According to a particular embodiment of the invention, the probe may be modified with a fluorophore, the modification comprising:
the base at the 5 'end of the probe sequence is modified by a fluorescent reporter group, and the base at the 3' end of the probe sequence is modified by a fluorescent quenching group.
According to a particular embodiment of the invention, the fluorescent reporter group of the probe of the sequence shown in SEQ ID NO.4 is different from the fluorescent reporter group of the probe of the sequence shown in SEQ ID NO. 3.
In some embodiments of the invention, the 5 'base of the sequence of the novel coronavirus Delta strain probe (the probe with the sequence shown as SEQ ID NO. 3) is modified by a fluorescence reporter group FAM, and the 3' base of the sequence of the probe is modified by a fluorescence quenching group; delta strain other novel coronavirus probe (probe with sequence shown as SEQ ID NO. 4) sequence 5 'end base is modified by fluorescent reporter group CY5, and probe sequence 3' end base is modified by fluorescent quenching group.
In another aspect, the present invention also provides a kit for identifying a novel coronavirus Delta strain, comprising: the primer and/or the probe are/is provided.
According to a particular embodiment of the invention, the kit of the invention further comprises PCR reaction reagents and/or reaction buffers.
According to a specific embodiment of the present invention, the kit of the present invention further comprises a positive quality control material and a negative quality control material; preferably, the positive quality control product comprises a novel coronavirus Delta strain S gene standard plasmid template, and the negative quality control product comprises other novel coronavirus S gene standard plasmid templates except the Delta strain.
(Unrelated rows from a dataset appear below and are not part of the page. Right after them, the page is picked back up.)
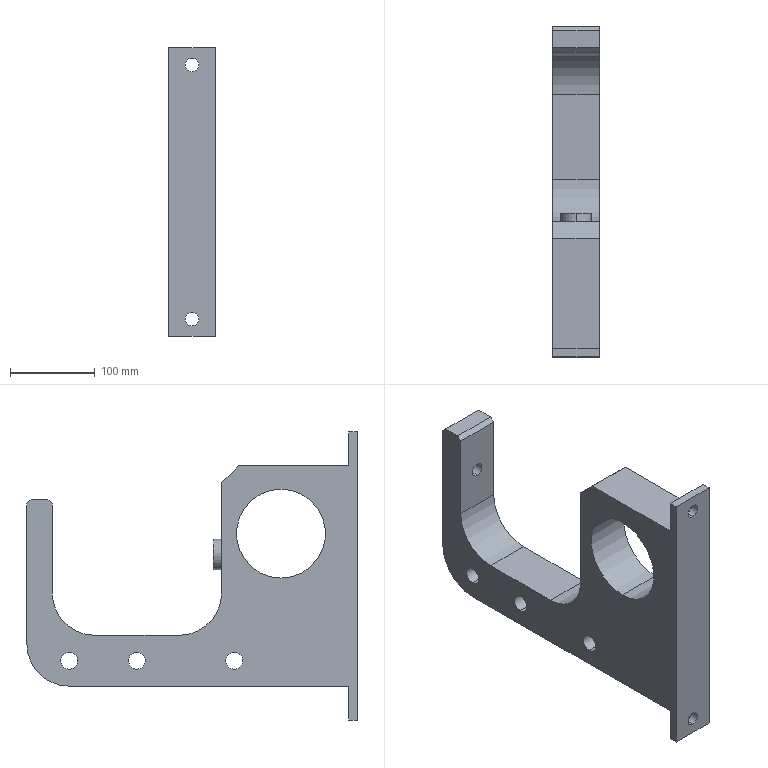Component | SolidWorks | dudukan-1 | 1 solid | 40 faces | box 55 x 390 x 340 mm | volume 2837108 mm3 | cylinder 21 | plane 19 | commonest cylinder face diameters 16 x6 20 x6 100 x3 30 x2 36 x2 105 x2 | material ASTM A36 Steel
build123d program:
from build123d import *

# Parameters (mm, degrees)
BOSS_EXTRUDE1_DEPTH      = 27.5
BOSS_EXTRUDE1_DEPTH_BACK = 27.5
SKETCH1_R                = 10
SKETCH1_R_2              = 52.5
SKETCH3_W                = 55
SKETCH3_H                = 340
BOSS_EXTRUDE3_DEPTH      = 10
SKETCH4_R                = 8
CUT_EXTRUDE1_DEPTH       = 422.374
CUT_EXTRUDE2_REACH       = 432.414
SKETCH5_R                = 8
SKETCH6_R                = 18
SKETCH6_R_2              = 15
BOSS_EXTRUDE4_DEPTH      = 10


with BuildPart() as part:
    # Sketch1 → Boss-Extrude1 (new, two sides: drawn at the far end of the back side and taken through both)
    with BuildSketch(Plane(origin=(0, 0, 0), x_dir=(0, 0, -1), z_dir=(1, 0, 0)).offset(-BOSS_EXTRUDE1_DEPTH_BACK)):
        with BuildLine():
            ThreePointArc((30, -40), (65.355, -25.355), (80, 10))
            Line((80, 10), (80, 110))
            ThreePointArc((80, 110), (65.355, 145.355), (30, 160))
            Line((30, 160), (-75, 160))
            Line((-75, 160), (-80, 165))
            Line((-80, 165), (-80, 185))
            Line((-80, 185), (-75, 190))
            Line((-75, 190), (90, 190))
            ThreePointArc((90, 190), (125.355, 175.355), (140, 140))
            Line((140, 140), (140, -190))
            Line((140, -190), (-120, -190))
            Line((-120, -190), (-120, -60))
            Line((-120, -60), (-100, -40))
            Line((-100, -40), (30, -40))
        make_face()
        with Locations((110, 60)):
            Circle(SKETCH1_R, mode=Mode.SUBTRACT)
        with Locations((110, -55)):
            Circle(SKETCH1_R, mode=Mode.SUBTRACT)
        with Locations((110, 140)):
            Circle(SKETCH1_R, mode=Mode.SUBTRACT)
        with Locations((-40, -110)):
            Circle(SKETCH1_R_2, mode=Mode.SUBTRACT)
    extrude(amount=BOSS_EXTRUDE1_DEPTH + BOSS_EXTRUDE1_DEPTH_BACK)

    # Sketch3 → Boss-Extrude3 (add)
    with BuildSketch(Plane.XZ.offset(190)):
        with Locations((0, -10)):
            Rectangle(SKETCH3_W, SKETCH3_H)
    extrude(amount=BOSS_EXTRUDE3_DEPTH)

    # Sketch4 → Cut-Extrude1 (cut, through all)
    with BuildSketch(Plane(origin=(0, -190, 0), x_dir=(1, 0, 0), z_dir=(0, 1, 0))):
        with Locations(Location((0, 160, 0), (0, 0, 270))):
            Circle(SKETCH4_R)
        with Locations(Location((0, -140, 0), (0, 0, 270))):
            Circle(SKETCH4_R)
    extrude(amount=-CUT_EXTRUDE1_DEPTH, mode=Mode.SUBTRACT)

    # Sketch5 → Cut-Extrude2 (cut, up to next)
    with BuildSketch(Plane(origin=(0, 190, 0), x_dir=(1, 0, 0), z_dir=(0, 1, 0)), mode=Mode.PRIVATE) as cut_extrude2_sk1:
        with Locations(Location((0, -20, 0), (0, 0, 270))):
            Circle(SKETCH5_R)
    cut_extrude2_tool1 = extrude(cut_extrude2_sk1.sketch, amount=-CUT_EXTRUDE2_REACH, mode=Mode.PRIVATE) & part.part
    add(cut_extrude2_tool1.solids().sort_by_distance((0, 190, 20))[0], mode=Mode.SUBTRACT)

    # Sketch6 → Boss-Extrude4 (add)
    with BuildSketch(Plane(origin=(0, -40, 0), x_dir=(1, 0, 0), z_dir=(0, 1, 0))):
        with Locations(Location((0, -15.416, 0), (0, 0, 90))):
            Circle(SKETCH6_R)
        with Locations(Location((0, -15.416, 0), (0, 0, 90))):
            Circle(SKETCH6_R_2, mode=Mode.SUBTRACT)
    extrude(amount=BOSS_EXTRUDE4_DEPTH)


solid = part.part

In another aspect, the invention also provides the application of the primer or the probe or the kit in identifying whether the novel coronavirus Delta strain exists in a sample in vitro. Namely, the invention also provides a method for identifying whether the novel coronavirus Delta strain exists in a sample in vitro.
According to a specific embodiment of the invention, in the application of the invention, the existence of the novel coronavirus Delta strain in the sample is identified through PCR reaction, the final concentration of the primer in the PCR reaction system is 0.1-10 mu M, and the final concentration of the probe in the PCR reaction system is 0.1-10 mu M.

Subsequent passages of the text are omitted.